"KIP" Frequently Asked Questions

KIP was developed for learning and honing skills for proper needle placement for a variety of interventional techniques. KIP was not intended for radiopaque dye injection flow patterns. KIP has no hollow organs or vasculature.

Q: Who are the "likely users" for KIP? Q: Why is KIP's anatomy and feel (Tactile) feeback to needle pressure somewhat different than a live patient?

KIP is not a real person. He is also not a cadaver. Accordingly, he will have some limitations. It is best to think of KIP as a simulation tool where initial positioning of the needle, route to the site of interest, and actual practice routine can be perfected through repeated application.

Alternatives to KIP include:
  1. Practice on live patients - a real "no-no"
  2. Use of cadavers - expensive ($2,000 - $2,500) - messy - mal-odor - limits to usage before severe degradation
  3. Proceed without practice at all - not very wise
Q: How often can KIP be used?

Use KIP as often as you wish. KIP is asexual – it is designed for many (hundreds at least) needle sticks at the various points of access. Once a physician practices for a weekend at a symposium, they probably have the ability to proceed as they will be working on real patients in the future. If an individual buys KIP, s/he can use it as often as needed for practice, storing KIP in a closet between uses. KIP provides the individual with a tool at hand to use when there is desire to learn different sites, train a colleague, or hold a symposium. Entrepreneurial physicians or physician groups will find KIP to be an economical investment in the long run. Because KIP can be used over and over, he keeps on giving to the educational opportunity.

Q: How much expertise can one really gain from working with KIP?

There are always different skill levels associated with any hands-on process and there is no magic instance method of learning, so due diligence and honesty about one’s ability is needed. Like any thing in life, the more time one spends practicing, the better skill level achieved.

Q: My fluoro images don’t look like those in your promotional material?

The images in the PD Sheet were obtained with top-of-the-line commercially available mobile image intensifier system that was properly calibrated and positioned in relation to KIP. You are capable of similar quality given similar circumstances.

Q: The skin feels different than real skin, is that a problem?

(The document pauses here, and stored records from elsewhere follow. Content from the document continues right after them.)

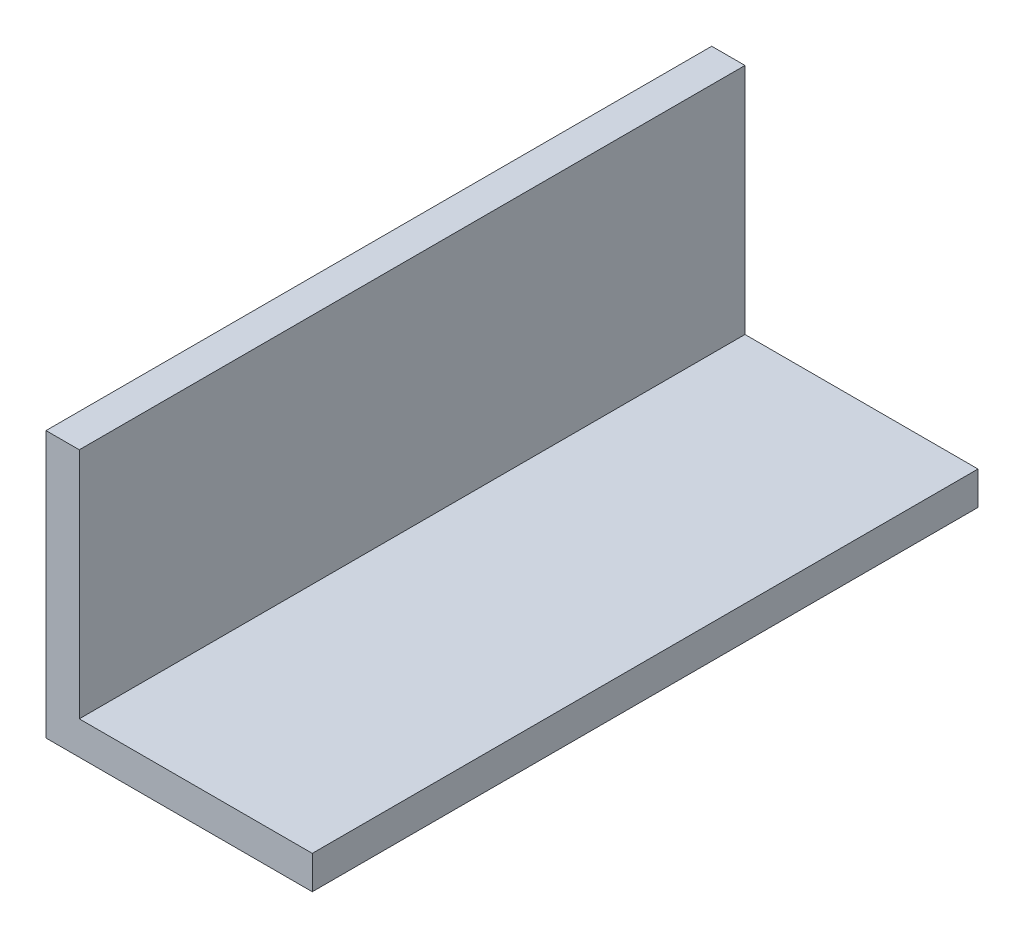
SolidWorks part; units mm, degrees
ref_plane "前视基准面" through (0, 0, 0) normal (0, 0, 1) x (1, 0, 0)
ref_plane "上视基准面" through (0, 0, 0) normal (0, 1, 0) x (1, 0, 0)
ref_plane "右视基准面" through (0, 0, 0) normal (1, 0, 0) x (0, 0, -1)
sketch "草图1" plane through (0, 0, 0) normal (0, 0, 1) x (1, 0, 0)
  line L0 (0, 0) -> (0, -40)
  line L1 (0, -40) -> (40, -40)
  line L2 (5, 0) -> (5, -35)
  line L3 (5, -35) -> (40, -35)
  line L4 (0, 0) -> (5, 0)
  line L5 (40, -40) -> (40, -35)
  dimension "D1" = 5
extrude "凸台-拉伸1" add sketch "草图1" along normal blind 100

The skin is not real and the feel is, of course, different for that reason. If you push the needle fast and hard, KIP’s tissues will push back. That is not a bad thing. You need to practice going slower and easier. If you push the needle that fast and hard on a real patient, you are being too rough and may hurt someone. Cosmetically, the skin color of KIP should not be an issue, either. In practice, the injection site is covered in Betadine and is not the way it really looks anyways. Caudal injections (caudal canal at the base of the spinal canal) are difficult to simulate exactly. The feel of putting the needle in is not as smooth as a live person. Also, tight muscle on a real person due to pain or fear can be rough if you push. Again, doctors need to go easier on their needle skills. Cadavers are not real, either, and one knows and accepts that fact when using a cadaver for practice. In fact, skeletal alignment in elderly patients is often difficult to access and navigate – and the physician makes adjustments. If you can successfully place the needle in KIP, you should be able to do that in live patients.

Q: The bones seem to have artificats in them and some ribs are missing?

The bones are synthetic and have synthetic artifacts. They are simulations of real bone, like all Alderson Phantoms. Any artifacts noticed do not diminish the usefulness of KIP as a guidance tool. Skeletal articulations that permit joint or spinal motions and ribs 2 to 9 were eliminated as superfluous in the design of KIP.